CCR makes a strong argument in the relevant brief that Al Shimari is precisely the rare ATS lawsuit that can survive Kiobel. First, CCR argues that Kiobel‘s presumption against extraterritorial application of the ATS should not even apply in Al Shimari, because the conduct in question occurred in Iraq during the US occupation, a period in which (quoting Rasul) the US had “complete jurisdiction and control” over Abu Ghraib (recall that the Coalition Provisional Authority had “all executive, legislative, and judicial authority” over Iraq at this time), making it effectively US territory. The fact that the US was functioning as the sovereign in Iraq at the time of the relevant conduct, CCR also points out, means that allowing the lawsuit to proceed would be unlikely to result in “international discord” between the US and Iraq.

Second, CCR argues that the relevant conduct does indeed “touch and concern” the US “with sufficient force to displace the presumption against extraterritorial application.” It notes that CACI is a US corporation headquartered in the US; that CACI’s immunity from Iraqi legal process made it subject to US law; and that the conduct in question was directed from the US. It also notes that the US’s control over Abu Ghraib is — or should be — relevant to the “touch and concern” analysis.

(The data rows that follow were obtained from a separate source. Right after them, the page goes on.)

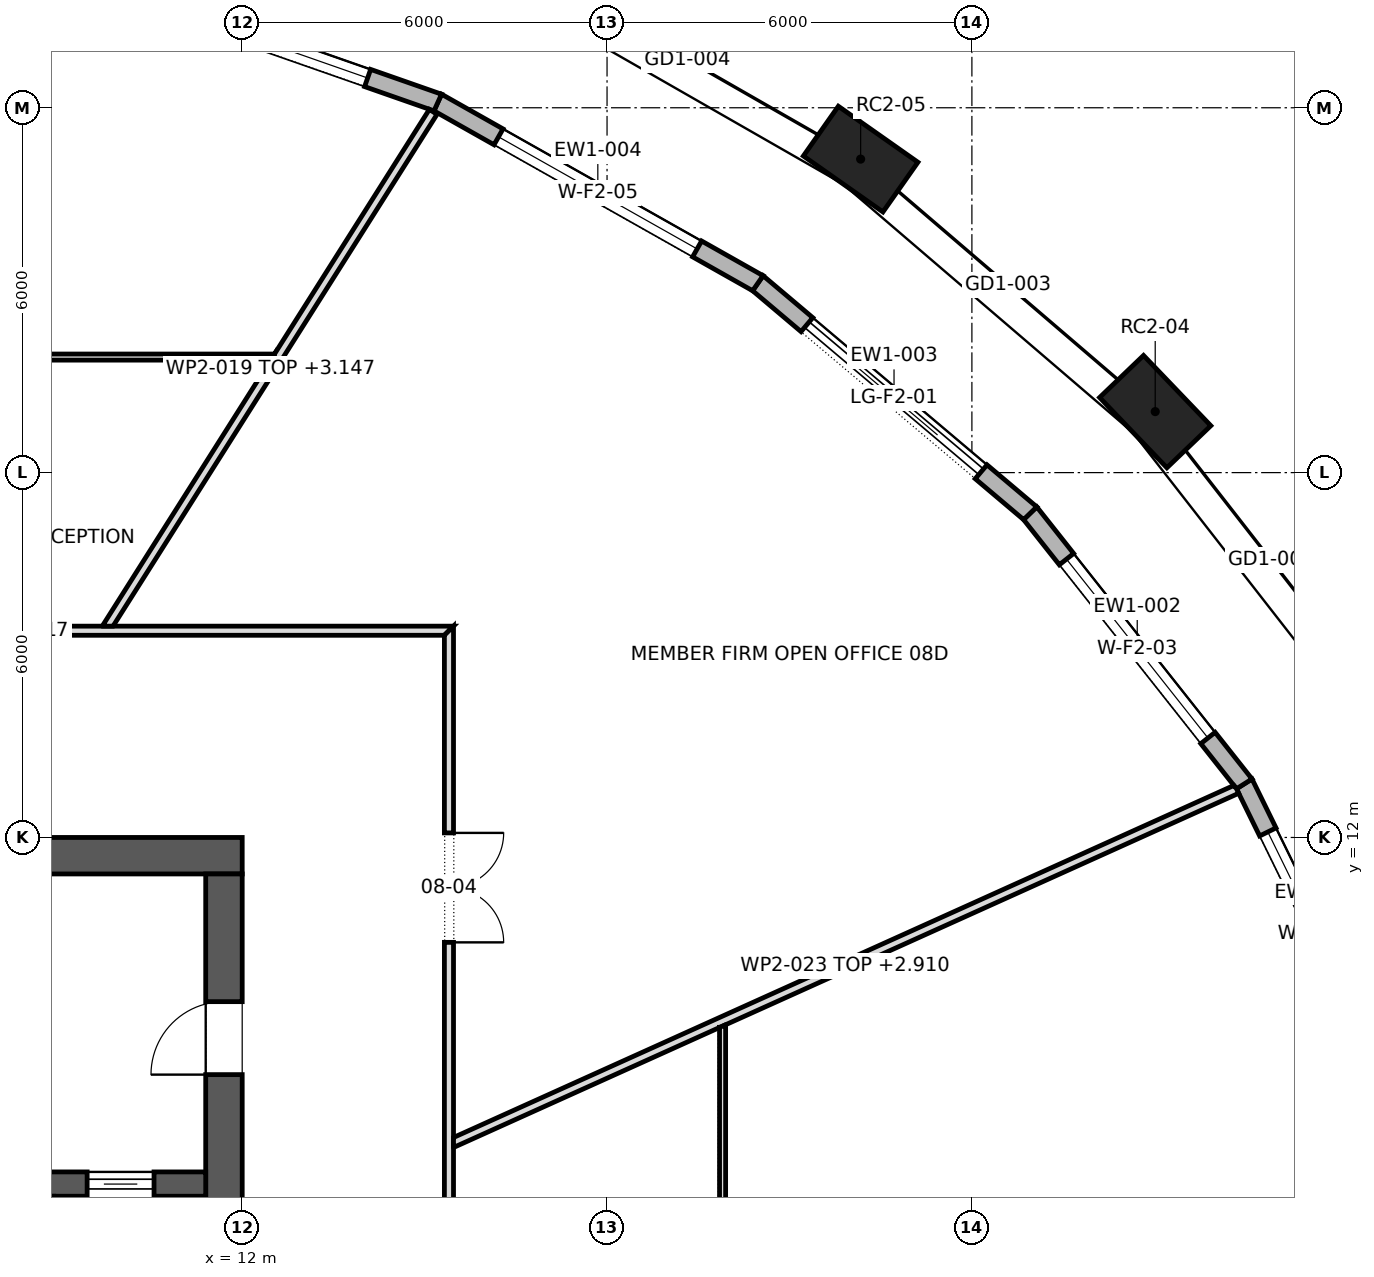
"""IFC4 building model, lengths in metres.
Left out: names, types, materials, properties, quantities, classifications, styles, units other than length and angle.
Written with IfcOpenShell. Run it as: python <this file> out.ifc"""

import sys

from ifc_helpers import new_model, si_unit, direction, frame, frame_2d, origin, origin_2d, place, context, subcontext, project, spatial, polyline, rectangle, outline, extrude, element, fill, save


model = new_model("IFC4")
c1 = context("Model", 3, precision=1e-05, world=origin(), true_north=direction((0.0, 1.0)))
c2 = subcontext(c1, "Body", "Model", "MODEL_VIEW")
j1 = project(units=[si_unit("LENGTHUNIT", "METRE"), si_unit("PLANEANGLEUNIT", "RADIAN")], contexts=[c1])
p1 = place(None, origin())
s1 = spatial("IfcSite", under=j1, at=p1, CompositionType="ELEMENT")
p2 = place(p1, origin())
s2 = spatial("IfcBuilding", under=s1, at=p2, CompositionType="ELEMENT")
p3 = place(p2, frame((0.0, 0.0, 117.1)))
s3 = spatial("IfcBuildingStorey", under=s2, at=p3, CompositionType="ELEMENT", Elevation=117.1)
for number, where, z_axis, x_axis in (
    (1, (27.015, 19.003, 0.0), (0.0, 0.0, 1.0), (-0.692, 0.722, 0.0)),
    (2, (22.17, 23.156, 0.0), (0.0, 0.0, 1.0), (-0.818, 0.575, 0.0)),
):
    element("IfcColumn", number, at=place(p3, frame(where, z_axis=z_axis, x_axis=x_axis)), inside=s3, PredefinedType="COLUMN", context=c2, shape_type="SweptSolid", body=[
        extrude(rectangle(XDim=1.6, YDim=1.0, at=origin_2d()), origin(), (0.0, 0.0, 1.0), 4.2),
    ])
p4 = place(p3, frame((-12.0, 11.7, 0.0), z_axis=(0.0, 0.0, 1.0), x_axis=(1.0, 0.0, 0.0)))
e3 = element("IfcWall", 3, at=p4, inside=s3, PredefinedType="SHEAR", context=c2, shape_type="SweptSolid", body=[
    extrude(rectangle(XDim=24.0, YDim=0.6, at=frame_2d((12.0, 0.0))), origin(), (0.0, 0.0, 1.0), 4.2),
])
p5 = place(p4, frame((9.225, 0.0, 0.0)))
e4 = element("IfcOpeningElement", 4, at=p5, cuts=e3, PredefinedType="OPENING", context=c2, shape_type="SweptSolid", body=[
    extrude(rectangle(XDim=0.9, YDim=2.1, at=frame_2d((0.45, 1.05))), frame((0.0, 0.312, 0.0), z_axis=(0.0, -1.0, 0.0), x_axis=(1.0, 0.0, 0.0)), (0.0, 0.0, 1.0), 0.624),
])
p6 = place(p4, frame((10.925, 0.0, 0.0)))
e5 = element("IfcOpeningElement", 5, at=p6, cuts=e3, PredefinedType="OPENING", context=c2, shape_type="SweptSolid", body=[
    extrude(rectangle(XDim=0.8, YDim=2.1, at=frame_2d((0.4, 1.05))), frame((0.0, 0.312, 0.0), z_axis=(0.0, -1.0, 0.0), x_axis=(1.0, 0.0, 0.0)), (0.0, 0.0, 1.0), 0.624),
])
p7 = place(p4, frame((4.2, 0.0, 0.0)))
e6 = element("IfcOpeningElement", 6, at=p7, cuts=e3, PredefinedType="OPENING", context=c2, shape_type="SweptSolid", body=[
    extrude(rectangle(XDim=0.8, YDim=2.1, at=frame_2d((0.4, 1.05))), frame((0.0, 0.312, 0.0), z_axis=(0.0, -1.0, 0.0), x_axis=(1.0, 0.0, 0.0)), (0.0, 0.0, 1.0), 0.624),
])
p8 = place(p4, frame((13.8, 0.0, 0.0)))
e7 = element("IfcOpeningElement", 7, at=p8, cuts=e3, PredefinedType="OPENING", context=c2, shape_type="SweptSolid", body=[
    extrude(rectangle(XDim=0.8, YDim=2.1, at=frame_2d((0.4, 1.05))), frame((0.0, 0.312, 0.0), z_axis=(0.0, -1.0, 0.0), x_axis=(1.0, 0.0, 0.0)), (0.0, 0.0, 1.0), 0.624),
])
p9 = place(p4, frame((16.6, 0.0, 0.0)))
e8 = element("IfcOpeningElement", 8, at=p9, cuts=e3, PredefinedType="OPENING", context=c2, shape_type="SweptSolid", body=[
    extrude(rectangle(XDim=0.8, YDim=2.1, at=frame_2d((0.4, 1.05))), frame((0.0, 0.312, 0.0), z_axis=(0.0, -1.0, 0.0), x_axis=(1.0, 0.0, 0.0)), (0.0, 0.0, 1.0), 0.624),
])
p10 = place(p3, frame((11.7, -11.4, 0.0), z_axis=(0.0, 0.0, 1.0), x_axis=(0.0, 1.0, 0.0)))
e9 = element("IfcWall", 9, at=p10, inside=s3, PredefinedType="SHEAR", context=c2, shape_type="SweptSolid", body=[
    extrude(rectangle(XDim=22.8, YDim=0.6, at=frame_2d((11.4, 0.0))), origin(), (0.0, 0.0, 1.0), 4.2),
])
p11 = place(p10, frame((10.2, 0.0, 0.0)))
e10 = element("IfcOpeningElement", 10, at=p11, cuts=e9, PredefinedType="OPENING", context=c2, shape_type="SweptSolid", body=[
    extrude(rectangle(XDim=2.4, YDim=2.1, at=frame_2d((1.2, 1.05))), frame((0.0, 0.312, 0.0), z_axis=(0.0, -1.0, 0.0), x_axis=(1.0, 0.0, 0.0)), (0.0, 0.0, 1.0), 0.624),
])
p12 = place(p10, frame((19.5, 0.0, 0.0)))
e11 = element("IfcOpeningElement", 11, at=p12, cuts=e9, PredefinedType="OPENING", context=c2, shape_type="SweptSolid", body=[
    extrude(rectangle(XDim=1.2, YDim=2.1, at=frame_2d((0.6, 1.05))), frame((0.0, 0.312, 0.0), z_axis=(0.0, -1.0, 0.0), x_axis=(1.0, 0.0, 0.0)), (0.0, 0.0, 1.0), 0.624),
])
p13 = place(p10, frame((2.1, 0.0, 0.0)))
e12 = element("IfcOpeningElement", 12, at=p13, cuts=e9, PredefinedType="OPENING", context=c2, shape_type="SweptSolid", body=[
    extrude(rectangle(XDim=1.2, YDim=2.1, at=frame_2d((0.6, 1.05))), frame((0.0, 0.312, 0.0), z_axis=(0.0, -1.0, 0.0), x_axis=(1.0, 0.0, 0.0)), (0.0, 0.0, 1.0), 0.624),
])
p14 = place(p3, frame((-11.4, 6.3, 0.0), z_axis=(0.0, 0.0, 1.0), x_axis=(1.0, 0.0, 0.0)))
e13 = element("IfcWall", 13, at=p14, inside=s3, PredefinedType="SHEAR", context=c2, shape_type="SweptSolid", body=[
    extrude(rectangle(XDim=22.8, YDim=0.4, at=frame_2d((11.4, 0.0))), origin(), (0.0, 0.0, 1.0), 4.2),
])
p15 = place(p14, frame((20.85, 0.0, 0.0)))
e14 = element("IfcOpeningElement", 14, at=p15, cuts=e13, PredefinedType="OPENING", context=c2, shape_type="SweptSolid", body=[
    extrude(rectangle(XDim=1.1, YDim=2.1, at=frame_2d((0.55, 1.05))), frame((0.0, 0.212, 0.0), z_axis=(0.0, -1.0, 0.0), x_axis=(1.0, 0.0, 0.0)), (0.0, 0.0, 1.0), 0.424),
])
p16 = place(p3, frame((8.75, 3.2, 0.0), z_axis=(0.0, 0.0, 1.0), x_axis=(0.0, 1.0, 0.0)))
e15 = element("IfcWall", 15, at=p16, inside=s3, PredefinedType="SHEAR", context=c2, shape_type="SweptSolid", body=[
    extrude(rectangle(XDim=2.9, YDim=0.3, at=frame_2d((1.45, 0.0))), origin(), (0.0, 0.0, 1.0), 4.2),
])
p17 = place(p3, frame((30.905, 7.934, 0.0), z_axis=(0.0, 0.0, 1.0), x_axis=(-0.440306401535, 0.897847577692, 0.0)))
e16 = element("IfcWall", 16, at=p17, inside=s3, PredefinedType="STANDARD", context=c2, shape_type="SweptSolid", body=[
    extrude(outline(polyline([(-0.017, -0.15), (5.527, -0.15), (5.494, 0.15), (0.017, 0.15), (-0.017, -0.15)])), origin(), (0.0, 0.0, 1.0), 3.9),
])
p18 = place(p17, frame((0.88, 0.0, 0.6)))
e17 = element("IfcOpeningElement", 17, at=p18, cuts=e16, PredefinedType="OPENING", context=c2, shape_type="SweptSolid", body=[
    extrude(rectangle(XDim=3.75, YDim=2.85, at=frame_2d((1.875, 1.425))), frame((0.0, 0.162, 0.0), z_axis=(0.0, -1.0, 0.0), x_axis=(1.0, 0.0, 0.0)), (0.0, 0.0, 1.0), 0.324),
])
p19 = place(p3, frame((28.479, 12.881, 0.0), z_axis=(0.0, 0.0, 1.0), x_axis=(-0.62038332391, 0.784298751379, 0.0)))
e18 = element("IfcWall", 18, at=p19, inside=s3, PredefinedType="STANDARD", context=c2, shape_type="SweptSolid", body=[
    extrude(outline(polyline([(-0.016, -0.15), (5.69, -0.15), (5.66, 0.15), (0.016, 0.15), (-0.016, -0.15)])), origin(), (0.0, 0.0, 1.0), 3.9),
])
p20 = place(p19, frame((0.962, 0.0, 0.6)))
e19 = element("IfcOpeningElement", 19, at=p20, cuts=e18, PredefinedType="OPENING", context=c2, shape_type="SweptSolid", body=[
    extrude(rectangle(XDim=3.75, YDim=2.85, at=frame_2d((1.875, 1.425))), frame((0.0, 0.162, 0.0), z_axis=(0.0, -1.0, 0.0), x_axis=(1.0, 0.0, 0.0)), (0.0, 0.0, 1.0), 0.324),
])
p21 = place(p3, frame((24.958, 17.332, 0.0), z_axis=(0.0, 0.0, 1.0), x_axis=(-0.763937302001, 0.645290476151, 0.0)))
e20 = element("IfcWall", 20, at=p21, inside=s3, PredefinedType="STANDARD", context=c2, shape_type="SweptSolid", body=[
    extrude(outline(polyline([(-0.015, -0.15), (5.876, -0.15), (5.848, 0.15), (0.015, 0.15), (-0.015, -0.15)])), origin(), (0.0, 0.0, 1.0), 3.9),
])
p22 = place(p21, frame((1.056, 0.0, 0.0)))
e21 = element("IfcOpeningElement", 21, at=p22, cuts=e20, PredefinedType="OPENING", context=c2, shape_type="SweptSolid", body=[
    extrude(rectangle(XDim=3.75, YDim=3.45, at=frame_2d((1.875, 1.725))), frame((0.0, 0.162, 0.0), z_axis=(0.0, -1.0, 0.0), x_axis=(1.0, 0.0, 0.0)), (0.0, 0.0, 1.0), 0.324),
])
p23 = place(p3, frame((20.48, 21.115, 0.0), z_axis=(0.0, 0.0, 1.0), x_axis=(-0.870858332497, 0.491534093142, 0.0)))
e22 = element("IfcWall", 22, at=p23, inside=s3, PredefinedType="STANDARD", context=c2, shape_type="SweptSolid", body=[
    extrude(outline(polyline([(-0.014, -0.15), (6.058, -0.15), (6.031, 0.15), (0.014, 0.15), (-0.014, -0.15)])), origin(), (0.0, 0.0, 1.0), 3.9),
])
p24 = place(p23, frame((1.147, 0.0, 0.6)))
e23 = element("IfcOpeningElement", 23, at=p24, cuts=e22, PredefinedType="OPENING", context=c2, shape_type="SweptSolid", body=[
    extrude(rectangle(XDim=3.75, YDim=2.85, at=frame_2d((1.875, 1.425))), frame((0.0, 0.162, 0.0), z_axis=(0.0, -1.0, 0.0), x_axis=(1.0, 0.0, 0.0)), (0.0, 0.0, 1.0), 0.324),
])
p25 = place(p3, frame((15.216, 24.086, 0.0), z_axis=(0.0, 0.0, 1.0), x_axis=(-0.94389706045, 0.330239820849, 0.0)))
e24 = element("IfcWall", 24, at=p25, inside=s3, PredefinedType="STANDARD", context=c2, shape_type="SweptSolid", body=[
    extrude(outline(polyline([(-0.013, -0.15), (6.207, -0.15), (6.182, 0.15), (0.013, 0.15), (-0.013, -0.15)])), origin(), (0.0, 0.0, 1.0), 3.9),
])
p26 = place(p25, frame((1.222, 0.0, 0.6)))
e25 = element("IfcOpeningElement", 25, at=p26, cuts=e24, PredefinedType="OPENING", context=c2, shape_type="SweptSolid", body=[
    extrude(rectangle(XDim=3.75, YDim=2.85, at=frame_2d((1.875, 1.425))), frame((0.0, 0.162, 0.0), z_axis=(0.0, -1.0, 0.0), x_axis=(1.0, 0.0, 0.0)), (0.0, 0.0, 1.0), 0.324),
])
p27 = place(p3, frame((-2.255, 19.9, 0.0), z_axis=(0.0, 0.0, 1.0), x_axis=(1.0, 0.0, 0.0)))
e26 = element("IfcWall", 26, at=p27, inside=s3, PredefinedType="PARTITIONING", context=c2, shape_type="SweptSolid", body=[
    extrude(outline(polyline([(0.011, -0.05), (1.479, -0.05), (2.947, -0.05), (4.415, -0.05), (4.415, -0.05), (4.515, -0.05), (4.515, -0.05), (6.216, -0.05), (7.917, -0.05), (9.619, -0.05), (11.32, -0.05), (13.021, -0.05), (14.723, -0.05), (14.775, 0.032), (14.775, 0.032), (14.786, 0.05), (14.786, 0.05), (12.938, 0.05), (11.089, 0.05), (9.241, 0.05), (7.393, 0.05), (5.545, 0.05), (3.697, 0.05), (1.848, 0.05), (0.0, 0.05), (0.0, 0.048), (0.011, -0.05)])), origin(), (0.0, 0.0, 1.0), 3.9),
])
p28 = place(p27, frame((9.205, 0.0, 0.0)))
e27 = element("IfcOpeningElement", 27, at=p28, cuts=e26, PredefinedType="OPENING", context=c2, shape_type="SweptSolid", body=[
    extrude(rectangle(XDim=0.9, YDim=2.1, at=frame_2d((0.45, 1.05))), frame((0.0, 0.062, 0.0), z_axis=(0.0, -1.0, 0.0), x_axis=(1.0, 0.0, 0.0)), (0.0, 0.0, 1.0), 0.124),
])
p29 = place(p3, frame((2.21, 15.4, 0.0), z_axis=(0.0, 0.0, 1.0), x_axis=(1.0, 0.0, 0.0)))
e28 = element("IfcWall", 28, at=p29, inside=s3, PredefinedType="PARTITIONING", context=c2, shape_type="SweptSolid", body=[
    extrude(outline(polyline([(0.0, -0.075), (1.874, -0.075), (3.747, -0.075), (5.621, -0.075), (7.494, -0.075), (9.368, -0.075), (11.241, -0.075), (13.115, -0.075), (13.265, 0.075), (11.37, 0.075), (9.475, 0.075), (7.58, 0.075), (5.685, 0.075), (3.79, 0.075), (1.895, 0.075), (0.0, 0.075), (0.0, -0.075)])), origin(), (0.0, 0.0, 1.0), 3.9),
])
p30 = place(p29, frame((3.265, 0.0, 0.0)))
e29 = element("IfcOpeningElement", 29, at=p30, cuts=e28, PredefinedType="OPENING", context=c2, shape_type="SweptSolid", body=[
    extrude(rectangle(XDim=1.0, YDim=2.1, at=frame_2d((0.5, 1.05))), frame((0.0, 0.087, 0.0), z_axis=(0.0, -1.0, 0.0), x_axis=(1.0, 0.0, 0.0)), (0.0, 0.0, 1.0), 0.174),
])
p31 = place(p3, frame((9.762, 15.435, 0.0), z_axis=(0.0, 0.0, 1.0), x_axis=(0.534830284385, 0.844959506074, 0.0)))
e30 = element("IfcWall", 30, at=p31, inside=s3, PredefinedType="PARTITIONING", context=c2, shape_type="SweptSolid", body=[
    extrude(outline(polyline([(10.057, 0.075), (8.47, 0.075), (6.883, 0.075), (5.295, 0.075), (5.211, 0.022), (5.177, 0.075), (3.452, 0.075), (1.726, 0.075), (0.0, 0.075), (0.0, 0.075), (0.095, -0.075), (2.087, -0.075), (4.08, -0.075), (6.072, -0.075), (8.064, -0.075), (10.057, -0.075), (10.057, 0.075)])), origin(), (0.0, 0.0, 1.0), 3.147),
])
p32 = place(p3, frame((15.4, -15.475, 0.0), z_axis=(0.0, 0.0, 1.0), x_axis=(0.0, 1.0, 0.0)))
e31 = element("IfcWall", 31, at=p32, inside=s3, PredefinedType="PARTITIONING", context=c2, shape_type="SweptSolid", body=[
    extrude(outline(polyline([(0.0, -0.075), (1.935, -0.075), (3.869, -0.075), (5.803, -0.075), (7.738, -0.075), (9.672, -0.075), (11.606, -0.075), (13.541, -0.075), (15.475, -0.075), (17.409, -0.075), (19.344, -0.075), (21.278, -0.075), (23.212, -0.075), (25.147, -0.075), (27.081, -0.075), (29.016, -0.075), (30.95, -0.075), (30.8, 0.075), (28.885, 0.075), (26.969, 0.075), (25.053, 0.075), (23.138, 0.075), (21.222, 0.075), (19.306, 0.075), (17.391, 0.075), (15.475, 0.075), (13.56, 0.075), (11.644, 0.075), (9.728, 0.075), (7.812, 0.075), (5.897, 0.075), (3.981, 0.075), (2.066, 0.075), (0.15, 0.075), (0.0, -0.075)])), origin(), (0.0, 0.0, 1.0), 3.9),
])
p33 = place(p32, frame((8.595, 0.0, 0.0)))
e32 = element("IfcOpeningElement", 32, at=p33, cuts=e31, PredefinedType="OPENING", context=c2, shape_type="SweptSolid", body=[
    extrude(rectangle(XDim=1.8, YDim=2.1, at=frame_2d((0.9, 1.05))), frame((0.0, 0.087, 0.0), z_axis=(0.0, -1.0, 0.0), x_axis=(1.0, 0.0, 0.0)), (0.0, 0.0, 1.0), 0.174),
])
p34 = place(p32, frame((17.81, 0.0, 0.0)))
e33 = element("IfcOpeningElement", 33, at=p34, cuts=e31, PredefinedType="OPENING", context=c2, shape_type="SweptSolid", body=[
    extrude(rectangle(XDim=1.0, YDim=2.1, at=frame_2d((0.5, 1.05))), frame((0.0, 0.087, 0.0), z_axis=(0.0, -1.0, 0.0), x_axis=(1.0, 0.0, 0.0)), (0.0, 0.0, 1.0), 0.174),
])
p35 = place(p32, frame((25.75, 0.0, 0.0)))
e34 = element("IfcOpeningElement", 34, at=p35, cuts=e31, PredefinedType="OPENING", context=c2, shape_type="SweptSolid", body=[
    extrude(rectangle(XDim=1.8, YDim=2.1, at=frame_2d((0.9, 1.05))), frame((0.0, 0.087, 0.0), z_axis=(0.0, -1.0, 0.0), x_axis=(1.0, 0.0, 0.0)), (0.0, 0.0, 1.0), 0.174),
])
p36 = place(p3, frame((15.444, 6.97, 0.0), z_axis=(0.0, 0.0, 1.0), x_axis=(0.911543819319, 0.411202949237, 0.0)))
e35 = element("IfcWall", 35, at=p36, inside=s3, PredefinedType="PARTITIONING", context=c2, shape_type="SweptSolid", body=[
    extrude(outline(polyline([(0.0, -0.075), (1.6, -0.075), (3.2, -0.075), (4.8, -0.075), (4.801, -0.073), (4.805, -0.075), (6.677, -0.075), (8.549, -0.075), (10.421, -0.075), (12.293, -0.075), (14.166, -0.075), (14.166, -0.063), (14.163, 0.007), (14.146, 0.075), (12.386, 0.075), (10.627, 0.075), (8.867, 0.075), (7.107, 0.075), (5.347, 0.075), (3.587, 0.075), (1.828, 0.075), (0.068, 0.075), (0.0, -0.075)])), origin(), (0.0, 0.0, 1.0), 2.91),
])
p37 = place(p3, frame((19.9, 8.92, 0.0), z_axis=(0.0, 0.0, 1.0), x_axis=(0.0, -1.0, 0.0)))
e36 = element("IfcWall", 36, at=p37, inside=s3, PredefinedType="PARTITIONING", context=c2, shape_type="SweptSolid", body=[
    extrude(outline(polyline([(0.045, -0.05), (1.787, -0.05), (3.529, -0.05), (5.271, -0.05), (7.012, -0.05), (8.754, -0.05), (10.496, -0.05), (10.504, 0.048), (10.504, 0.05), (8.754, 0.05), (7.003, 0.05), (5.252, 0.05), (3.501, 0.05), (1.751, 0.05), (0.0, 0.05), (0.0, 0.049), (0.045, -0.05)])), origin(), (0.0, 0.0, 1.0), 3.9),
])
p38 = place(p37, frame((4.81, 0.0, 0.0)))
e37 = element("IfcOpeningElement", 37, at=p38, cuts=e36, PredefinedType="OPENING", context=c2, shape_type="SweptSolid", body=[
    extrude(rectangle(XDim=0.9, YDim=2.1, at=frame_2d((0.45, 1.05))), frame((0.0, 0.062, 0.0), z_axis=(0.0, -1.0, 0.0), x_axis=(1.0, 0.0, 0.0)), (0.0, 0.0, 1.0), 0.124),
])
p39 = place(p18, origin())
e38 = element("IfcWindow", 38, at=p39, inside=s3, PartitioningType="TRIPLE_PANEL_VERTICAL", PredefinedType="WINDOW", context=c2, shape_type="SweptSolid", body=[
    extrude(rectangle(XDim=3.75, YDim=2.85, at=frame_2d((1.875, 1.425))), frame((0.0, 0.03, 0.0), z_axis=(0.0, -1.0, 0.0), x_axis=(1.0, 0.0, 0.0)), (0.0, 0.0, 1.0), 0.06),
])
fill(e17, e38)
p40 = place(p20, origin())
e39 = element("IfcWindow", 39, at=p40, inside=s3, PartitioningType="TRIPLE_PANEL_VERTICAL", PredefinedType="WINDOW", context=c2, shape_type="SweptSolid", body=[
    extrude(rectangle(XDim=3.75, YDim=2.85, at=frame_2d((1.875, 1.425))), frame((0.0, 0.03, 0.0), z_axis=(0.0, -1.0, 0.0), x_axis=(1.0, 0.0, 0.0)), (0.0, 0.0, 1.0), 0.06),
])
fill(e19, e39)
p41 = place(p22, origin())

Third, and finally, CCR claims that ATS lawsuits involving war crimes and torture should always be deemed to satisfy Kiobel, especially where — as in Al Shimari — the perpetrators of those crimes are present in the US. It argues that the potential for “international discord” is minor in such lawsuits, because war crimes and torture are types of conduct that all states are obligated to prevent and punish.

I am skeptical that CCR’s third argument will convince many federal courts post-Kiobel. Its first and second arguments, however, seem very compelling. I hope our resident and extraterritorial experts on the ATS will weigh in.

2 Responses

  1. Interesting.  I wonder if the Boumediene “de facto sovereignty” analysis of territoriality might be relevant here. For a discussion of de facto sovereignty, see here and here.

    The other interesting wrinkle about this case is that Iraqi law may mandate the application of United States law.  Section 18 of Order 17 of the Coalition Provisional Authority stipulates that:

    “[T]hird-party claims including those … for personal injury, illness or death … arising from or attributed to acts or omissions of … Contractors or any persons employed by them for activities relating to performance of their Contracts, … shall be submitted and dealt with by the Sending State whose personnel … are alleged to have caused the claimed damage, in a manner consistent with the Sending State’s laws, regulations, and procedures.”

    It appears that during the period of occupation Iraqi law makes contractors who commit torts in Iraq subject to the Sending State’s laws, which presumably would include state tort laws as well as federal law (including the ATS?).  There is a choice of law issue that might require the application of Iraqi law nonetheless, see here, but I’m not aware of any court wrestling with the relationship between the ATS and CPA Order 17.   

    Roger Alford

  2. No argument from me that the US military has become the “common enemy of mankind” and its tortures should have no safe haven anywhere. Or the private contractors doing their bidding. The sovereign immunity aspect of this case bothers me, though.  It seems like a stretch to argue that CACI breached its contract, since obviously the military / cia told them everything to do.